Submitted by dangermoney on Fri, 05/01/2026 - 12:51

Terrific article

There are little clues here and there to suggest that this article was maybe written with the assistance of AI, but it ultimately doesn't bother me. The meat of the article is excellent and exactly what I want to see more of from Quality Digest: an application of a new technology towards an enduring problem, how it went, and what was learnt. 

I've worked in environments where, as in this article, the categorisation of defects could be described as a "taxonomy": a lot of things that could be wrong, a lot of locations where they could be wrong, and a lot of ways that those things could be wrong in those locations. Because of the granularity, it is usually the case that a specific kind of defect will be a rare event, which adds some limitations and complexity to the use of SPC in analysing the data. There are tricks for overcoming these limitations and complexity, but after you add in the variability of categorising the defects in the first place, it tends to become extremely unprofitable to invest time in slicing and dicing the data to look for patterns: there's too much noise in the inspection process itself. In my experience, such data can provide critical evidence for unfucking some problem that's already known about, but the real power of process improvement comes from minimising variance and preventing problems in the first place: i.e., discovering that there is something to discover because of a signal of nonhomogeneity in the data stream. 

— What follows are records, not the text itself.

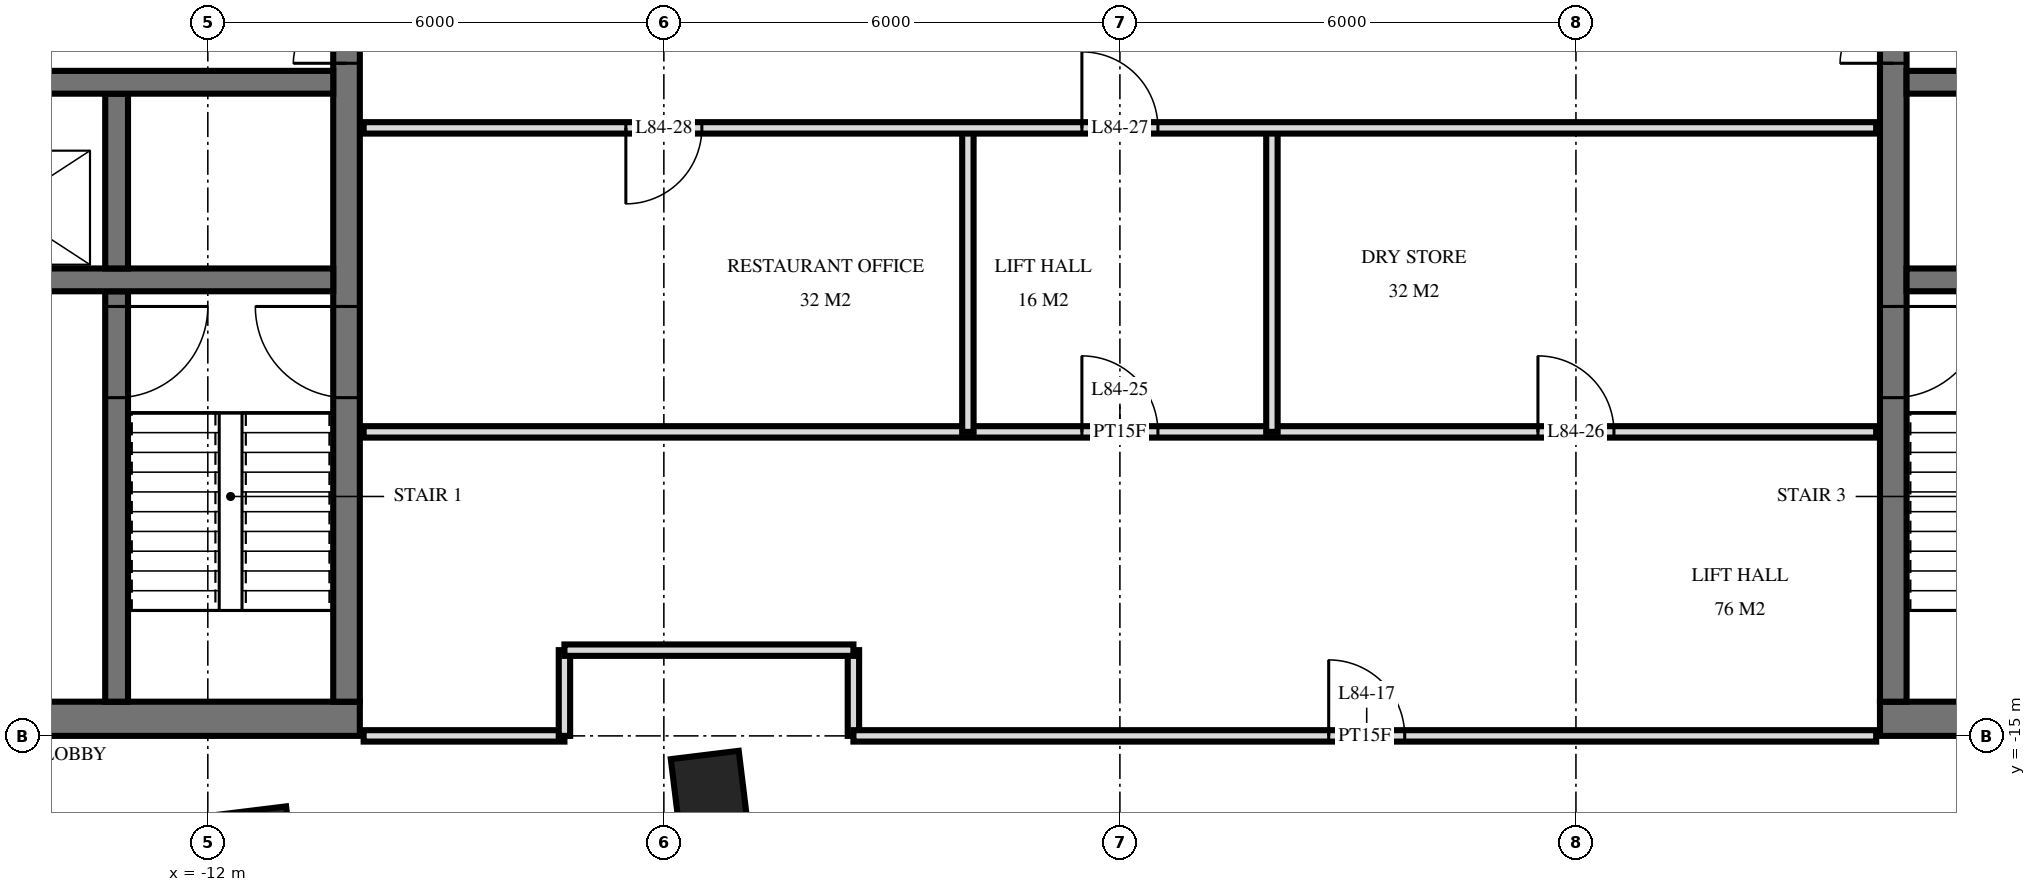
"""IFC4 building model, lengths in metres.
Left out: names, types, materials, properties, quantities, classifications, styles, units other than length and angle.
Written with IfcOpenShell. Run it as: python <this file> out.ifc"""

import sys

from ifc_helpers import new_model, si_unit, direction, frame, frame_2d, origin, origin_2d, place, context, subcontext, project, spatial, rectangle, extrude, element, fill, save


model = new_model("IFC4")
c1 = context("Model", 3, precision=1e-05, world=origin(), true_north=direction((0.0, 1.0)))
c2 = subcontext(c1, "Body", "Model", "MODEL_VIEW")
j1 = project(units=[si_unit("LENGTHUNIT", "METRE"), si_unit("PLANEANGLEUNIT", "RADIAN")], contexts=[c1])
p1 = place(None, origin())
s1 = spatial("IfcSite", under=j1, at=p1, CompositionType="ELEMENT")
p2 = place(p1, origin())
s2 = spatial("IfcBuilding", under=s1, at=p2, CompositionType="ELEMENT")
p3 = place(p2, frame((0.0, 0.0, 318.6)))
s3 = spatial("IfcBuildingStorey", under=s2, at=p3, CompositionType="ELEMENT", Elevation=318.6)
for number, where, z_axis, x_axis in (
    (1, (-11.362, -16.429, 0.0), (0.0, 0.0, 1.0), (0.993, 0.122, 0.0)),
    (2, (-5.407, -15.698, 0.0), (0.0, 0.0, 1.0), (0.993, 0.122, 0.0)),
):
    element("IfcColumn", number, at=place(p3, frame(where, z_axis=z_axis, x_axis=x_axis)), inside=s3, PredefinedType="COLUMN", context=c2, shape_type="SweptSolid", body=[
        extrude(rectangle(XDim=0.9, YDim=0.9, at=origin_2d()), origin(), (0.0, 0.0, 1.0), 4.0),
    ])
p4 = place(p3, frame((-19.5, -14.775, 0.0), z_axis=(0.0, 0.0, 1.0), x_axis=(1.0, 0.0, 0.0)))
e3 = element("IfcWall", 3, at=p4, inside=s3, PredefinedType="SHEAR", context=c2, shape_type="SweptSolid", body=[
    extrude(rectangle(XDim=9.5, YDim=0.45, at=frame_2d((4.75, 0.0))), origin(), (0.0, 0.0, 1.0), 4.0),
])
p5 = place(p4, frame((1.2, 0.0, 0.0)))
e4 = element("IfcOpeningElement", 4, at=p5, cuts=e3, PredefinedType="OPENING", context=c2, shape_type="SweptSolid", body=[
    extrude(rectangle(XDim=1.2, YDim=2.1, at=frame_2d((0.6, 1.05))), frame((0.0, 0.235, 0.0), z_axis=(0.0, -1.0, 0.0), x_axis=(1.0, 0.0, 0.0)), (0.0, 0.0, 1.0), 0.47),
])
p6 = place(p4, frame((4.25, 0.0, 0.0)))
e5 = element("IfcOpeningElement", 5, at=p6, cuts=e3, PredefinedType="OPENING", context=c2, shape_type="SweptSolid", body=[
    extrude(rectangle(XDim=1.1, YDim=2.1, at=frame_2d((0.55, 1.05))), frame((0.0, 0.235, 0.0), z_axis=(0.0, -1.0, 0.0), x_axis=(1.0, 0.0, 0.0)), (0.0, 0.0, 1.0), 0.47),
])
p7 = place(p3, frame((-10.175, -14.55, 0.0), z_axis=(0.0, 0.0, 1.0), x_axis=(0.0, 1.0, 0.0)))
e6 = element("IfcWall", 6, at=p7, inside=s3, PredefinedType="SHEAR", context=c2, shape_type="SweptSolid", body=[
    extrude(rectangle(XDim=14.1, YDim=0.35, at=frame_2d((7.05, 0.0))), origin(), (0.0, 0.0, 1.0), 4.0),
])
p8 = place(p7, frame((8.4, 0.0, 0.0)))
e7 = element("IfcOpeningElement", 7, at=p8, cuts=e6, PredefinedType="OPENING", context=c2, shape_type="SweptSolid", body=[
    extrude(rectangle(XDim=1.4, YDim=2.4, at=frame_2d((0.7, 1.2))), frame((0.0, 0.185, 0.0), z_axis=(0.0, -1.0, 0.0), x_axis=(1.0, 0.0, 0.0)), (0.0, 0.0, 1.0), 0.37),
])
p9 = place(p7, frame((10.0, 0.0, 0.0)))
e8 = element("IfcOpeningElement", 8, at=p9, cuts=e6, PredefinedType="OPENING", context=c2, shape_type="SweptSolid", body=[
    extrude(rectangle(XDim=1.4, YDim=2.4, at=frame_2d((0.7, 1.2))), frame((0.0, 0.185, 0.0), z_axis=(0.0, -1.0, 0.0), x_axis=(1.0, 0.0, 0.0)), (0.0, 0.0, 1.0), 0.37),
])
p10 = place(p7, frame((4.0, 0.0, 0.0)))
e9 = element("IfcOpeningElement", 9, at=p10, cuts=e6, PredefinedType="OPENING", context=c2, shape_type="SweptSolid", body=[
    extrude(rectangle(XDim=1.2, YDim=2.1, at=frame_2d((0.6, 1.05))), frame((0.0, 0.185, 0.0), z_axis=(0.0, -1.0, 0.0), x_axis=(1.0, 0.0, 0.0)), (0.0, 0.0, 1.0), 0.37),
])
p11 = place(p3, frame((-19.05, -6.4, 0.0), z_axis=(0.0, 0.0, 1.0), x_axis=(1.0, 0.0, 0.0)))
e10 = element("IfcWall", 10, at=p11, inside=s3, PredefinedType="SHEAR", context=c2, shape_type="SweptSolid", body=[
    extrude(rectangle(XDim=8.7, YDim=0.3, at=frame_2d((4.35, 0.0))), origin(), (0.0, 0.0, 1.0), 4.0),
])
p12 = place(p11, frame((0.8, 0.0, 0.0)))
e11 = element("IfcOpeningElement", 11, at=p12, cuts=e10, PredefinedType="OPENING", context=c2, shape_type="SweptSolid", body=[
    extrude(rectangle(XDim=1.1, YDim=2.1, at=frame_2d((0.55, 1.05))), frame((0.0, 0.16, 0.0), z_axis=(0.0, -1.0, 0.0), x_axis=(1.0, 0.0, 0.0)), (0.0, 0.0, 1.0), 0.32),
])
p13 = place(p3, frame((-19.05, -9.0, 0.0), z_axis=(0.0, 0.0, 1.0), x_axis=(1.0, 0.0, 0.0)))
e12 = element("IfcWall", 12, at=p13, inside=s3, PredefinedType="SHEAR", context=c2, shape_type="SweptSolid", body=[
    extrude(rectangle(XDim=8.7, YDim=0.3, at=frame_2d((4.35, 0.0))), origin(), (0.0, 0.0, 1.0), 4.0),
])
p14 = place(p13, frame((3.8, 0.0, 0.0)))
e13 = element("IfcOpeningElement", 13, at=p14, cuts=e12, PredefinedType="OPENING", context=c2, shape_type="SweptSolid", body=[
    extrude(rectangle(XDim=1.1, YDim=2.1, at=frame_2d((0.55, 1.05))), frame((0.0, 0.16, 0.0), z_axis=(0.0, -1.0, 0.0), x_axis=(1.0, 0.0, 0.0)), (0.0, 0.0, 1.0), 0.32),
])
p15 = place(p3, frame((-13.2, -8.85, 0.0), z_axis=(0.0, 0.0, 1.0), x_axis=(0.0, 1.0, 0.0)))
e14 = element("IfcWall", 14, at=p15, inside=s3, PredefinedType="SHEAR", context=c2, shape_type="SweptSolid", body=[
    extrude(rectangle(XDim=2.3, YDim=0.3, at=frame_2d((1.15, 0.0))), origin(), (0.0, 0.0, 1.0), 4.0),
])
p16 = place(p3, frame((-13.2, -14.55, 0.0), z_axis=(0.0, 0.0, 1.0), x_axis=(0.0, 1.0, 0.0)))
e15 = element("IfcWall", 15, at=p16, inside=s3, PredefinedType="SHEAR", context=c2, shape_type="SweptSolid", body=[
    extrude(rectangle(XDim=5.4, YDim=0.3, at=frame_2d((2.7, 0.0))), origin(), (0.0, 0.0, 1.0), 4.0),
])
p17 = place(p16, frame((4.0, 0.0, 0.0)))
e16 = element("IfcOpeningElement", 16, at=p17, cuts=e15, PredefinedType="OPENING", context=c2, shape_type="SweptSolid", body=[
    extrude(rectangle(XDim=1.2, YDim=2.1, at=frame_2d((0.6, 1.05))), frame((0.0, 0.16, 0.0), z_axis=(0.0, -1.0, 0.0), x_axis=(1.0, 0.0, 0.0)), (0.0, 0.0, 1.0), 0.32),
])
p18 = place(p3, frame((10.0, -14.775, 0.0), z_axis=(0.0, 0.0, 1.0), x_axis=(1.0, 0.0, 0.0)))
e17 = element("IfcWall", 17, at=p18, inside=s3, PredefinedType="SHEAR", context=c2, shape_type="SweptSolid", body=[
    extrude(rectangle(XDim=9.5, YDim=0.45, at=frame_2d((4.75, 0.0))), origin(), (0.0, 0.0, 1.0), 4.0),
])
p19 = place(p18, frame((7.1, 0.0, 0.0)))
e18 = element("IfcOpeningElement", 18, at=p19, cuts=e17, PredefinedType="OPENING", context=c2, shape_type="SweptSolid", body=[
    extrude(rectangle(XDim=1.2, YDim=2.1, at=frame_2d((0.6, 1.05))), frame((0.0, 0.235, 0.0), z_axis=(0.0, -1.0, 0.0), x_axis=(1.0, 0.0, 0.0)), (0.0, 0.0, 1.0), 0.47),
])
p20 = place(p18, frame((4.15, 0.0, 0.0)))
e19 = element("IfcOpeningElement", 19, at=p20, cuts=e17, PredefinedType="OPENING", context=c2, shape_type="SweptSolid", body=[
    extrude(rectangle(XDim=1.1, YDim=2.1, at=frame_2d((0.55, 1.05))), frame((0.0, 0.235, 0.0), z_axis=(0.0, -1.0, 0.0), x_axis=(1.0, 0.0, 0.0)), (0.0, 0.0, 1.0), 0.47),
])
p21 = place(p3, frame((10.175, -14.55, 0.0), z_axis=(0.0, 0.0, 1.0), x_axis=(0.0, 1.0, 0.0)))
e20 = element("IfcWall", 20, at=p21, inside=s3, PredefinedType="SHEAR", context=c2, shape_type="SweptSolid", body=[
    extrude(rectangle(XDim=14.1, YDim=0.35, at=frame_2d((7.05, 0.0))), origin(), (0.0, 0.0, 1.0), 4.0),
])
p22 = place(p21, frame((8.4, 0.0, 0.0)))
e21 = element("IfcOpeningElement", 21, at=p22, cuts=e20, PredefinedType="OPENING", context=c2, shape_type="SweptSolid", body=[
    extrude(rectangle(XDim=1.4, YDim=2.4, at=frame_2d((0.7, 1.2))), frame((0.0, 0.185, 0.0), z_axis=(0.0, -1.0, 0.0), x_axis=(1.0, 0.0, 0.0)), (0.0, 0.0, 1.0), 0.37),
])
p23 = place(p21, frame((10.0, 0.0, 0.0)))
e22 = element("IfcOpeningElement", 22, at=p23, cuts=e20, PredefinedType="OPENING", context=c2, shape_type="SweptSolid", body=[
    extrude(rectangle(XDim=1.4, YDim=2.4, at=frame_2d((0.7, 1.2))), frame((0.0, 0.185, 0.0), z_axis=(0.0, -1.0, 0.0), x_axis=(1.0, 0.0, 0.0)), (0.0, 0.0, 1.0), 0.37),
])
p24 = place(p21, frame((4.0, 0.0, 0.0)))
e23 = element("IfcOpeningElement", 23, at=p24, cuts=e20, PredefinedType="OPENING", context=c2, shape_type="SweptSolid", body=[
    extrude(rectangle(XDim=1.2, YDim=2.1, at=frame_2d((0.6, 1.05))), frame((0.0, 0.185, 0.0), z_axis=(0.0, -1.0, 0.0), x_axis=(1.0, 0.0, 0.0)), (0.0, 0.0, 1.0), 0.37),
])
p25 = place(p3, frame((10.35, -6.4, 0.0), z_axis=(0.0, 0.0, 1.0), x_axis=(1.0, 0.0, 0.0)))
e24 = element("IfcWall", 24, at=p25, inside=s3, PredefinedType="SHEAR", context=c2, shape_type="SweptSolid", body=[
    extrude(rectangle(XDim=8.7, YDim=0.3, at=frame_2d((4.35, 0.0))), origin(), (0.0, 0.0, 1.0), 4.0),
])
p26 = place(p25, frame((6.8, 0.0, 0.0)))
e25 = element("IfcOpeningElement", 25, at=p26, cuts=e24, PredefinedType="OPENING", context=c2, shape_type="SweptSolid", body=[
    extrude(rectangle(XDim=1.1, YDim=2.1, at=frame_2d((0.55, 1.05))), frame((0.0, 0.16, 0.0), z_axis=(0.0, -1.0, 0.0), x_axis=(1.0, 0.0, 0.0)), (0.0, 0.0, 1.0), 0.32),
])
p27 = place(p3, frame((10.35, -9.0, 0.0), z_axis=(0.0, 0.0, 1.0), x_axis=(1.0, 0.0, 0.0)))
e26 = element("IfcWall", 26, at=p27, inside=s3, PredefinedType="SHEAR", context=c2, shape_type="SweptSolid", body=[
    extrude(rectangle(XDim=8.7, YDim=0.3, at=frame_2d((4.35, 0.0))), origin(), (0.0, 0.0, 1.0), 4.0),
])
p28 = place(p27, frame((3.8, 0.0, 0.0)))
e27 = element("IfcOpeningElement", 27, at=p28, cuts=e26, PredefinedType="OPENING", context=c2, shape_type="SweptSolid", body=[
    extrude(rectangle(XDim=1.1, YDim=2.1, at=frame_2d((0.55, 1.05))), frame((0.0, 0.16, 0.0), z_axis=(0.0, -1.0, 0.0), x_axis=(1.0, 0.0, 0.0)), (0.0, 0.0, 1.0), 0.32),
])
for number, where, z_axis, x_axis in (
    (28, (2.0, -11.0, 0.0), (0.0, 0.0, 1.0), (0.0, 1.0, 0.0)),
    (29, (-2.0, -11.0, 0.0), (0.0, 0.0, 1.0), (0.0, 1.0, 0.0)),
):
    element("IfcWall", number, at=place(p3, frame(where, z_axis=z_axis, x_axis=x_axis)), inside=s3, PredefinedType="PARTITIONING", context=c2, shape_type="SweptSolid", body=[
        extrude(rectangle(XDim=4.0, YDim=0.15, at=frame_2d((2.0, 0.0))), origin(), (0.0, 0.0, 1.0), 3.72),
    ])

Even if you don't use AI to make sense of the resulting data, simply using it on the front end to eliminate variability in inspections is a worthwhile goal in such an environment. Beyond that, I'll bet that there's enormous utility in using AI to identify which kinds of defects trend together or which are variations on a common issue: something I'd be very hesitant to trust an AI model to do if I had doubts about the reproducibility of the inspection process.